When His Secret Sin Breaks Your Heart
His Presence Through Pain
I don’t mind it at all that you “dumped on me.” I know what it is like to have a “bad day” while facing such “waves of pain” as you shared in your letter. You probably feel as though you’re drowning in an ocean of despair with no rescue in sight. Believe me, I have been there many times in the past. I wish I would’ve had someone to talk to when my waves hit.
I can understand your being baffled by all your troubles, wondering “What is the point of it all?” At first glance, the option to just throw up your hands and walk away seems very appealing when you consider all the misery you’re likely to suffer by staying with your husband. But, let me ask you something: what has kept you from giving up after fifteen years of grief in this marriage? What has been your motivation to hold on? I think you will agree with me that it’s more than a wife’s natural commitment to marriage; there must be something deeper.
It goes without saying that the Lord leads different wives to respond to their husband’s sin in different ways. He often releases wives from their marriage vows who are suffering the pain of infidelity.
In your case, it seems that He has asked you to remain in the marriage. You are one of those rare people who has been able to grasp the good that God can accomplish inside you through an ordeal such as this. Perhaps you’ve not given up because deep in your heart you know that God is doing something very wonderful inside of you. So despite how much it hurts, you don’t want to move from under the Potter’s hands. I remember in one of our conversations you said to me, “As much as this hurts, I know God is purging me of stuff that He could not have gotten at in any other way.” How precious those words must have been to the Lover of your soul!
The most intimate and wonderful experiences that I have ever had with the Lord happened when I was in the throes of total anguish and absolute helplessness. What a bitter-sweet existence it was during those times. Although I longed for the suffering to end, I realized when it was over that the strong sense of the Lord’s nearness was diminishing. It is the joy of such closeness that drives us to seek God through pain; there is nothing quite like it. The amazing fruit that comes from our lives through the suffering is well worth the pain. Most women just want it to go away! I understand that too.
We have all heard nice sermons about God’s love and faithfulness, but if it isn’t worked into our hearts it just becomes more head knowledge. It is the very kind of suffering you are currently experiencing that allows the Holy Spirit to do a powerful work within a believer. God is imparting to you a knowledge of Himself which simply cannot be learned through sermons or books. He is doing a deep and precise work in your soul, carefully molding you into the image of His Son, Jesus Christ. One day you will appreciate what God has done in your inward life—even more than you would ever appreciate having a “good marriage.” The apostle Paul, who endured so much for Christ’s sake, testified: “For just as the sufferings of Christ are ours in abundance, so also our comfort is abundant through Christ.” (II Corinthians 1:5) We sense the presence of God in such a powerful way when He allows us to experience pain because our sights are fixed upon the One who is able to comfort us in all our distresses.

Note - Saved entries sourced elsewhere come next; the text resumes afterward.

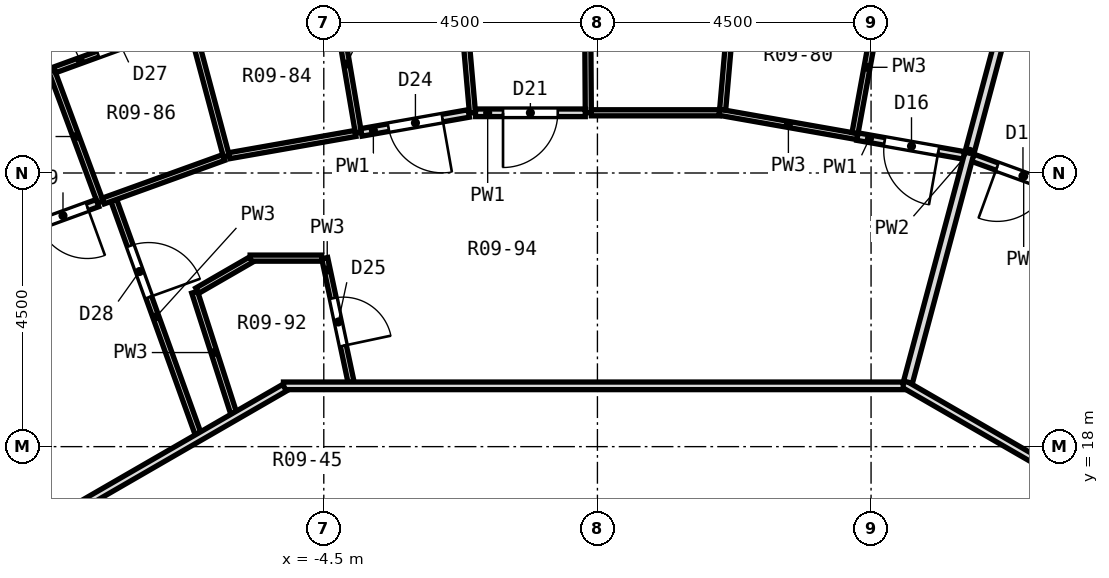
"""IFC4 building model, lengths in metres.
Left out: names, types, materials, properties, quantities, classifications, styles, units other than length and angle.
Written with IfcOpenShell. Run it as: python <this file> out.ifc"""

import sys

from ifc_helpers import new_model, si_unit, direction, frame, frame_2d, origin, place, context, subcontext, project, spatial, rectangle, extrude, element, fill, save


model = new_model("IFC4")
c1 = context("Model", 3, precision=1e-05, world=origin(), true_north=direction((0.0, 1.0)))
c2 = subcontext(c1, "Body", "Model", "MODEL_VIEW")
j1 = project(units=[si_unit("LENGTHUNIT", "METRE"), si_unit("PLANEANGLEUNIT", "RADIAN")], contexts=[c1])
p1 = place(None, origin())
s1 = spatial("IfcSite", under=j1, at=p1, CompositionType="ELEMENT")
p2 = place(p1, origin())
s2 = spatial("IfcBuilding", under=s1, at=p2, CompositionType="ELEMENT")
p3 = place(p2, frame((0.0, 0.0, 26.3)))
s3 = spatial("IfcBuildingStorey", under=s2, at=p3, CompositionType="ELEMENT", Elevation=26.3)
p4 = place(p3, frame((-0.165, 25.79, 0.0), z_axis=(0.0, 0.0, 1.0), x_axis=(0.006580899844, -0.999978345644, 0.0)))
e1 = element("IfcWall", 1, at=p4, inside=s3, PredefinedType="PARTITIONING", context=c2, shape_type="SweptSolid", body=[
    extrude(rectangle(XDim=2.3, YDim=0.1, at=frame_2d((1.15, 0.0))), origin(), (0.0, 0.0, 1.0), 2.75),
])
p5 = place(p3, frame((-2.405, 27.485, 0.0), z_axis=(0.0, 0.0, 1.0), x_axis=(0.087176012461, -0.996192924514, 0.0)))
e2 = element("IfcWall", 2, at=p5, inside=s3, PredefinedType="PARTITIONING", context=c2, shape_type="SweptSolid", body=[
    extrude(rectangle(XDim=4.01, YDim=0.1, at=frame_2d((2.005, 0.0))), origin(), (0.0, 0.0, 1.0), 2.75),
])
p6 = place(p3, frame((-4.316, 25.426, 0.0), z_axis=(0.0, 0.0, 1.0), x_axis=(0.167445855502, -0.985881273519, 0.0)))
e3 = element("IfcWall", 3, at=p6, inside=s3, PredefinedType="PARTITIONING", context=c2, shape_type="SweptSolid", body=[
    extrude(rectangle(XDim=2.299, YDim=0.1, at=frame_2d((1.15, 0.0))), origin(), (0.0, 0.0, 1.0), 2.75),
])
p7 = place(p3, frame((-4.485, 21.1, 0.0), z_axis=(0.0, 0.0, 1.0), x_axis=(0.207769107872, -0.978177896813, 0.0)))
e4 = element("IfcWall", 4, at=p7, inside=s3, PredefinedType="PARTITIONING", context=c2, shape_type="SweptSolid", body=[
    extrude(rectangle(XDim=2.084, YDim=0.1, at=frame_2d((1.042, 0.0))), origin(), (0.0, 0.0, 1.0), 2.75),
])
p8 = place(p7, frame((0.673, 0.0, 0.0)))
e5 = element("IfcOpeningElement", 5, at=p8, cuts=e4, PredefinedType="OPENING", context=c2, shape_type="SweptSolid", body=[
    extrude(rectangle(XDim=0.8, YDim=2.1, at=frame_2d((0.4, 1.05))), frame((0.0, 0.062, 0.0), z_axis=(0.0, -1.0, 0.0), x_axis=(1.0, 0.0, 0.0)), (0.0, 0.0, 1.0), 0.124),
])
p9 = place(p3, frame((-7.138, 26.651, 0.0), z_axis=(0.0, 0.0, 1.0), x_axis=(0.258102122941, -0.966117639904, 0.0)))
e6 = element("IfcWall", 6, at=p9, inside=s3, PredefinedType="PARTITIONING", context=c2, shape_type="SweptSolid", body=[
    extrude(rectangle(XDim=4.011, YDim=0.1, at=frame_2d((2.005, 0.0))), origin(), (0.0, 0.0, 1.0), 2.75),
])
p10 = place(p3, frame((-6.624, 20.54, 0.0), z_axis=(0.0, 0.0, 1.0), x_axis=(0.306694945769, -0.951807864141, 0.0)))
e7 = element("IfcWall", 7, at=p10, inside=s3, PredefinedType="PARTITIONING", context=c2, shape_type="SweptSolid", body=[
    extrude(rectangle(XDim=2.086, YDim=0.1, at=frame_2d((1.043, 0.0))), origin(), (0.0, 0.0, 1.0), 2.75),
])
p11 = place(p3, frame((-7.953, 22.049, 0.0), z_axis=(0.0, 0.0, 1.0), x_axis=(0.339432395801, -0.940630452771, 0.0)))
e8 = element("IfcWall", 8, at=p11, inside=s3, PredefinedType="PARTITIONING", context=c2, shape_type="SweptSolid", body=[
    extrude(rectangle(XDim=4.074, YDim=0.1, at=frame_2d((2.037, 0.0))), origin(), (0.0, 0.0, 1.0), 2.75),
])
p12 = place(p11, frame((0.793, 0.0, 0.0)))
e9 = element("IfcOpeningElement", 9, at=p12, cuts=e8, PredefinedType="OPENING", context=c2, shape_type="SweptSolid", body=[
    extrude(rectangle(XDim=0.9, YDim=2.1, at=frame_2d((0.45, 1.05))), frame((0.0, 0.062, 0.0), z_axis=(0.0, -1.0, 0.0), x_axis=(1.0, 0.0, 0.0)), (0.0, 0.0, 1.0), 0.124),
])
p13 = place(p3, frame((-8.975, 24.178, 0.0), z_axis=(0.0, 0.0, 1.0), x_axis=(0.347898637283, -0.937532153143, 0.0)))
e10 = element("IfcWall", 10, at=p13, inside=s3, PredefinedType="PARTITIONING", context=c2, shape_type="SweptSolid", body=[
    extrude(rectangle(XDim=2.3, YDim=0.1, at=frame_2d((1.15, 0.0))), origin(), (0.0, 0.0, 1.0), 2.75),
])
p14 = place(p3, frame((5.029, 19.036, 0.0), z_axis=(0.0, 0.0, 1.0), x_axis=(0.866024825845, -0.50000100102, 0.0)))
e11 = element("IfcWall", 11, at=p14, inside=s3, PredefinedType="PARTITIONING", context=c2, shape_type="SweptSolid", body=[
    extrude(rectangle(XDim=10.192, YDim=0.125, at=frame_2d((5.096, 0.0))), origin(), (0.0, 0.0, 1.0), 2.75),
])
p15 = place(p14, frame((3.116, 0.0, 0.0)))
e12 = element("IfcOpeningElement", 12, at=p15, cuts=e11, PredefinedType="OPENING", context=c2, shape_type="SweptSolid", body=[
    extrude(rectangle(XDim=1.0, YDim=2.1, at=frame_2d((0.5, 1.05))), frame((0.0, 0.074, 0.0), z_axis=(0.0, -1.0, 0.0), x_axis=(1.0, 0.0, 0.0)), (0.0, 0.0, 1.0), 0.149),
])
p16 = place(p3, frame((6.174, 22.75, 0.0), z_axis=(0.0, 0.0, 1.0), x_axis=(0.939613069721, -0.342238629044, 0.0)))
e13 = element("IfcWall", 13, at=p16, inside=s3, PredefinedType="PARTITIONING", context=c2, shape_type="SweptSolid", body=[
    extrude(rectangle(XDim=1.78, YDim=0.125, at=frame_2d((0.89, 0.0))), origin(), (0.0, 0.0, 1.0), 2.75),
])
p17 = place(p16, frame((0.427, 0.0, 0.0)))
e14 = element("IfcOpeningElement", 14, at=p17, cuts=e13, PredefinedType="OPENING", context=c2, shape_type="SweptSolid", body=[
    extrude(rectangle(XDim=0.9, YDim=2.1, at=frame_2d((0.45, 1.05))), frame((0.0, 0.074, 0.0), z_axis=(0.0, -1.0, 0.0), x_axis=(1.0, 0.0, 0.0)), (0.0, 0.0, 1.0), 0.149),
])
p18 = place(p3, frame((2.005, 23.499, 0.0), z_axis=(0.0, 0.0, 1.0), x_axis=(0.984814448646, -0.173610200557, 0.0)))
e15 = element("IfcWall", 15, at=p18, inside=s3, PredefinedType="PARTITIONING", context=c2, shape_type="SweptSolid", body=[
    extrude(rectangle(XDim=2.306, YDim=0.1, at=frame_2d((1.153, 0.0))), origin(), (0.0, 0.0, 1.0), 2.75),
])
p19 = place(p3, frame((4.276, 23.098, 0.0), z_axis=(0.0, 0.0, 1.0), x_axis=(0.984784939559, -0.173777509529, 0.0)))
e16 = element("IfcWall", 16, at=p19, inside=s3, PredefinedType="PARTITIONING", context=c2, shape_type="SweptSolid", body=[
    extrude(rectangle(XDim=1.78, YDim=0.125, at=frame_2d((0.89, 0.0))), origin(), (0.0, 0.0, 1.0), 2.75),
])
p20 = place(p19, frame((0.452, 0.0, 0.0)))
e17 = element("IfcOpeningElement", 17, at=p20, cuts=e16, PredefinedType="OPENING", context=c2, shape_type="SweptSolid", body=[
    extrude(rectangle(XDim=0.9, YDim=2.1, at=frame_2d((0.45, 1.05))), frame((0.0, 0.074, 0.0), z_axis=(0.0, -1.0, 0.0), x_axis=(1.0, 0.0, 0.0)), (0.0, 0.0, 1.0), 0.149),
])
p21 = place(p3, frame((-5.163, 19.0, 0.0), z_axis=(0.0, 0.0, 1.0), x_axis=(1.0, 0.0, 0.0)))
e18 = element("IfcWall", 18, at=p21, inside=s3, PredefinedType="PARTITIONING", context=c2, shape_type="SweptSolid", body=[
    extrude(rectangle(XDim=10.192, YDim=0.125, at=frame_2d((5.096, 0.0))), origin(), (0.0, 0.0, 1.0), 2.75),
])
p22 = place(p3, frame((-5.712, 21.1, 0.0), z_axis=(0.0, 0.0, 1.0), x_axis=(1.0, 0.0, 0.0)))
e19 = element("IfcWall", 19, at=p22, inside=s3, PredefinedType="PARTITIONING", context=c2, shape_type="SweptSolid", body=[
    extrude(rectangle(XDim=1.177, YDim=0.1, at=frame_2d((0.588, 0.0))), origin(), (0.0, 0.0, 1.0), 2.75),
])
p23 = place(p3, frame((-0.1, 23.49, 0.0), z_axis=(0.0, 0.0, 1.0), x_axis=(1.0, 0.0, 0.0)))
e20 = element("IfcWall", 20, at=p23, inside=s3, PredefinedType="PARTITIONING", context=c2, shape_type="SweptSolid", body=[
    extrude(rectangle(XDim=2.105, YDim=0.1, at=frame_2d((1.052, 0.0))), origin(), (0.0, 0.0, 1.0), 2.75),
])
p24 = place(p3, frame((-2.005, 23.49, 0.0), z_axis=(0.0, 0.0, 1.0), x_axis=(1.0, 0.0, 0.0)))
e21 = element("IfcWall", 21, at=p24, inside=s3, PredefinedType="PARTITIONING", context=c2, shape_type="SweptSolid", body=[
    extrude(rectangle(XDim=1.805, YDim=0.125, at=frame_2d((0.902, 0.0))), origin(), (0.0, 0.0, 1.0), 2.75),
])
p25 = place(p24, frame((0.452, 0.0, 0.0)))
e22 = element("IfcOpeningElement", 22, at=p25, cuts=e21, PredefinedType="OPENING", context=c2, shape_type="SweptSolid", body=[
    extrude(rectangle(XDim=0.9, YDim=2.1, at=frame_2d((0.45, 1.05))), frame((0.0, 0.074, 0.0), z_axis=(0.0, -1.0, 0.0), x_axis=(1.0, 0.0, 0.0)), (0.0, 0.0, 1.0), 0.149),
])
p26 = place(p3, frame((-6.054, 22.785, 0.0), z_axis=(0.0, 0.0, 1.0), x_axis=(0.984798730273, 0.173699340392, 0.0)))
e23 = element("IfcWall", 23, at=p26, inside=s3, PredefinedType="PARTITIONING", context=c2, shape_type="SweptSolid", body=[
    extrude(rectangle(XDim=2.105, YDim=0.1, at=frame_2d((1.053, 0.0))), origin(), (0.0, 0.0, 1.0), 2.75),
])
p27 = place(p3, frame((-3.882, 23.168, 0.0), z_axis=(0.0, 0.0, 1.0), x_axis=(0.984784929821, 0.173777564715, 0.0)))
e24 = element("IfcWall", 24, at=p27, inside=s3, PredefinedType="PARTITIONING", context=c2, shape_type="SweptSolid", body=[
    extrude(rectangle(XDim=1.793, YDim=0.125, at=frame_2d((0.896, 0.0))), origin(), (0.0, 0.0, 1.0), 2.75),
])
p28 = place(p27, frame((0.452, 0.0, 0.0)))
e25 = element("IfcOpeningElement", 25, at=p28, cuts=e24, PredefinedType="OPENING", context=c2, shape_type="SweptSolid", body=[
    extrude(rectangle(XDim=0.9, YDim=2.1, at=frame_2d((0.45, 1.05))), frame((0.0, 0.074, 0.0), z_axis=(0.0, -1.0, 0.0), x_axis=(1.0, 0.0, 0.0)), (0.0, 0.0, 1.0), 0.149),
])
p29 = place(p3, frame((-8.128, 22.039, 0.0), z_axis=(0.0, 0.0, 1.0), x_axis=(0.940600209608, 0.339516193553, 0.0)))
e26 = element("IfcWall", 26, at=p29, inside=s3, PredefinedType="PARTITIONING", context=c2, shape_type="SweptSolid", body=[
    extrude(rectangle(XDim=2.105, YDim=0.1, at=frame_2d((1.052, 0.0))), origin(), (0.0, 0.0, 1.0), 2.75),
])
p30 = place(p3, frame((-9.918, 21.387, 0.0), z_axis=(0.0, 0.0, 1.0), x_axis=(0.93962745072, 0.342199143561, 0.0)))
e27 = element("IfcWall", 27, at=p30, inside=s3, PredefinedType="PARTITIONING", context=c2, shape_type="SweptSolid", body=[
    extrude(rectangle(XDim=1.805, YDim=0.125, at=frame_2d((0.902, 0.0))), origin(), (0.0, 0.0, 1.0), 2.75),
])
p31 = place(p30, frame((0.777, 0.0, 0.0)))
e28 = element("IfcOpeningElement", 28, at=p31, cuts=e27, PredefinedType="OPENING", context=c2, shape_type="SweptSolid", body=[
    extrude(rectangle(XDim=0.85, YDim=2.1, at=frame_2d((0.425, 1.05))), frame((0.0, 0.074, 0.0), z_axis=(0.0, -1.0, 0.0), x_axis=(1.0, 0.0, 0.0)), (0.0, 0.0, 1.0), 0.149),
])
p32 = place(p3, frame((-8.928, 24.195, 0.0), z_axis=(0.0, 0.0, 1.0), x_axis=(0.939670512052, 0.342080880465, 0.0)))
e29 = element("IfcWall", 29, at=p32, inside=s3, PredefinedType="PARTITIONING", context=c2, shape_type="SweptSolid", body=[
    extrude(rectangle(XDim=2.321, YDim=0.1, at=frame_2d((1.161, 0.0))), origin(), (0.0, 0.0, 1.0), 2.75),
])
p33 = place(p32, frame((0.76, 0.0, 0.0)))
e30 = element("IfcOpeningElement", 30, at=p33, cuts=e29, PredefinedType="OPENING", context=c2, shape_type="SweptSolid", body=[
    extrude(rectangle(XDim=0.8, YDim=2.1, at=frame_2d((0.4, 1.05))), frame((0.0, 0.062, 0.0), z_axis=(0.0, -1.0, 0.0), x_axis=(1.0, 0.0, 0.0)), (0.0, 0.0, 1.0), 0.124),
])
p34 = place(p3, frame((-13.844, 13.947, 0.0), z_axis=(0.0, 0.0, 1.0), x_axis=(0.866031375826, 0.499989655977, 0.0)))
e31 = element("IfcWall", 31, at=p34, inside=s3, PredefinedType="PARTITIONING", context=c2, shape_type="SweptSolid", body=[
    extrude(rectangle(XDim=10.045, YDim=0.125, at=frame_2d((5.022, 0.0))), origin(), (0.0, 0.0, 1.0), 2.75),
])
p35 = place(p34, frame((3.674, 0.0, 0.0)))
e32 = element("IfcOpeningElement", 32, at=p35, cuts=e31, PredefinedType="OPENING", context=c2, shape_type="SweptSolid", body=[
    extrude(rectangle(XDim=1.0, YDim=2.1, at=frame_2d((0.5, 1.05))), frame((0.0, 0.074, 0.0), z_axis=(0.0, -1.0, 0.0), x_axis=(1.0, 0.0, 0.0)), (0.0, 0.0, 1.0), 0.149),
])
p36 = place(p3, frame((-6.581, 20.565, 0.0), z_axis=(0.0, 0.0, 1.0), x_axis=(0.866070023821, 0.499922707865, 0.0)))
e33 = element("IfcWall", 33, at=p36, inside=s3, PredefinedType="PARTITIONING", context=c2, shape_type="SweptSolid", body=[
    extrude(rectangle(XDim=1.02, YDim=0.1, at=frame_2d((0.51, 0.0))), origin(), (0.0, 0.0, 1.0), 2.75),
])
p37 = place(p3, frame((5.107, 19.06, 0.0), z_axis=(0.0, 0.0, 1.0), x_axis=(0.258797692258, 0.965931547513, 0.0)))
e34 = element("IfcWall", 34, at=p37, inside=s3, PredefinedType="PARTITIONING", context=c2, shape_type="SweptSolid", body=[
    extrude(rectangle(XDim=7.857, YDim=0.15, at=frame_2d((3.929, 0.0))), origin(), (0.0, 0.0, 1.0), 2.75),
])
p38 = place(p3, frame((4.236, 23.156, 0.0), z_axis=(0.0, 0.0, 1.0), x_axis=(0.180037913286, 0.983659671726, 0.0)))
e35 = element("IfcWall", 35, at=p38, inside=s3, PredefinedType="PARTITIONING", context=c2, shape_type="SweptSolid", body=[
    extrude(rectangle(XDim=2.199, YDim=0.1, at=frame_2d((1.1, 0.0))), origin(), (0.0, 0.0, 1.0), 2.75),
])
p39 = place(p3, frame((2.059, 23.54, 0.0), z_axis=(0.0, 0.0, 1.0), x_axis=(0.087044593785, 0.996204416118, 0.0)))
e36 = element("IfcWall", 36, at=p39, inside=s3, PredefinedType="PARTITIONING", context=c2, shape_type="SweptSolid", body=[
    extrude(rectangle(XDim=3.96, YDim=0.1, at=frame_2d((1.98, 0.0))), origin(), (0.0, 0.0, 1.0), 2.75),
])
p40 = place(p17, frame((0.9, 0.0, 0.0), z_axis=(0.0, 0.0, 1.0), x_axis=(-1.0, 0.0, 0.0)))
e37 = element("IfcDoor", 37, at=p40, inside=s3, OperationType="SINGLE_SWING_RIGHT", PredefinedType="DOOR", context=c2, shape_type="SweptSolid", body=[
    extrude(rectangle(XDim=0.9, YDim=2.1, at=frame_2d((0.45, 1.05))), frame((0.0, 0.025, 0.0), z_axis=(0.0, -1.0, 0.0), x_axis=(1.0, 0.0, 0.0)), (0.0, 0.0, 1.0), 0.05),
])
fill(e14, e37)
p41 = place(p20, frame((0.9, 0.0, 0.0), z_axis=(0.0, 0.0, 1.0), x_axis=(-1.0, 0.0, 0.0)))
e38 = element("IfcDoor", 38, at=p41, inside=s3, OperationType="SINGLE_SWING_LEFT", PredefinedType="DOOR", context=c2, shape_type="SweptSolid", body=[
    extrude(rectangle(XDim=0.9, YDim=2.1, at=frame_2d((0.45, 1.05))), frame((0.0, 0.025, 0.0), z_axis=(0.0, -1.0, 0.0), x_axis=(1.0, 0.0, 0.0)), (0.0, 0.0, 1.0), 0.05),
])
fill(e17, e38)
p42 = place(p25, frame((0.9, 0.0, 0.0), z_axis=(0.0, 0.0, 1.0), x_axis=(-1.0, 0.0, 0.0)))
e39 = element("IfcDoor", 39, at=p42, inside=s3, OperationType="SINGLE_SWING_RIGHT", PredefinedType="DOOR", context=c2, shape_type="SweptSolid", body=[
    extrude(rectangle(XDim=0.9, YDim=2.1, at=frame_2d((0.45, 1.05))), frame((0.0, 0.025, 0.0), z_axis=(0.0, -1.0, 0.0), x_axis=(1.0, 0.0, 0.0)), (0.0, 0.0, 1.0), 0.05),
])
fill(e22, e39)
p43 = place(p28, frame((0.9, 0.0, 0.0), z_axis=(0.0, 0.0, 1.0), x_axis=(-1.0, 0.0, 0.0)))
e40 = element("IfcDoor", 40, at=p43, inside=s3, OperationType="SINGLE_SWING_LEFT", PredefinedType="DOOR", context=c2, shape_type="SweptSolid", body=[
    extrude(rectangle(XDim=0.9, YDim=2.1, at=frame_2d((0.45, 1.05))), frame((0.0, 0.025, 0.0), z_axis=(0.0, -1.0, 0.0), x_axis=(1.0, 0.0, 0.0)), (0.0, 0.0, 1.0), 0.05),
])
fill(e25, e40)
p44 = place(p8, origin())
e41 = element("IfcDoor", 41, at=p44, inside=s3, OperationType="SINGLE_SWING_RIGHT", PredefinedType="DOOR", context=c2, shape_type="SweptSolid", body=[
    extrude(rectangle(XDim=0.8, YDim=2.1, at=frame_2d((0.4, 1.05))), frame((0.0, 0.025, 0.0), z_axis=(0.0, -1.0, 0.0), x_axis=(1.0, 0.0, 0.0)), (0.0, 0.0, 1.0), 0.05),
])
fill(e5, e41)
p45 = place(p33, origin())
e42 = element("IfcDoor", 42, at=p45, inside=s3, OperationType="SINGLE_SWING_RIGHT", PredefinedType="DOOR", context=c2, shape_type="SweptSolid", body=[
    extrude(rectangle(XDim=0.8, YDim=2.1, at=frame_2d((0.4, 1.05))), frame((0.0, 0.025, 0.0), z_axis=(0.0, -1.0, 0.0), x_axis=(1.0, 0.0, 0.0)), (0.0, 0.0, 1.0), 0.05),
])
fill(e30, e42)
p46 = place(p12, origin())
e43 = element("IfcDoor", 43, at=p46, inside=s3, OperationType="SINGLE_SWING_RIGHT", PredefinedType="DOOR", context=c2, shape_type="SweptSolid", body=[
    extrude(rectangle(XDim=0.9, YDim=2.1, at=frame_2d((0.45, 1.05))), frame((0.0, 0.025, 0.0), z_axis=(0.0, -1.0, 0.0), x_axis=(1.0, 0.0, 0.0)), (0.0, 0.0, 1.0), 0.05),
])
fill(e9, e43)
p47 = place(p31, frame((0.85, 0.0, 0.0), z_axis=(0.0, 0.0, 1.0), x_axis=(-1.0, 0.0, 0.0)))
e44 = element("IfcDoor", 44, at=p47, inside=s3, OperationType="SINGLE_SWING_LEFT", PredefinedType="DOOR", context=c2, shape_type="SweptSolid", body=[
    extrude(rectangle(XDim=0.85, YDim=2.1, at=frame_2d((0.425, 1.05))), frame((0.0, 0.025, 0.0), z_axis=(0.0, -1.0, 0.0), x_axis=(1.0, 0.0, 0.0)), (0.0, 0.0, 1.0), 0.05),
])
fill(e28, e44)
save(model, sys.argv[1])

Another major blessing in all you’re going through is the way the Lord will be able to use you one day to help others who are experiencing the same thing. There is something about suffering that creates a beautiful attraction to other people in need. It will amaze you how other hurting wives will seem to come from nowhere to seek your advice. Paul went on to write that our heavenly Father “comforts us in all our affliction so that we may be able to comfort those who are in any affliction with the comfort with which we ourselves are comforted by God.” (II Corinthians 1:4)
This reminds me of the true story of Corrie and Betsy Ten Boom, two sisters who endured unspeakable suffering in a Nazi concentration camp during World War II. As Betsy was dying, she turned to Corrie and said, “We must tell them, Corrie—anyone who will listen. They will believe us because we have been there.”
So, Melody, be encouraged and know that God is developing a powerful testimony in you. It is His sustaining power that is keeping you through the deepest waters. And you will discover that His love goes beyond any fleeting happiness resulting from favorable outward circumstances.
I pray that God will grant you the strength to hold onto that which now seems most painful but in the end will turn out to be that which best serves your soul.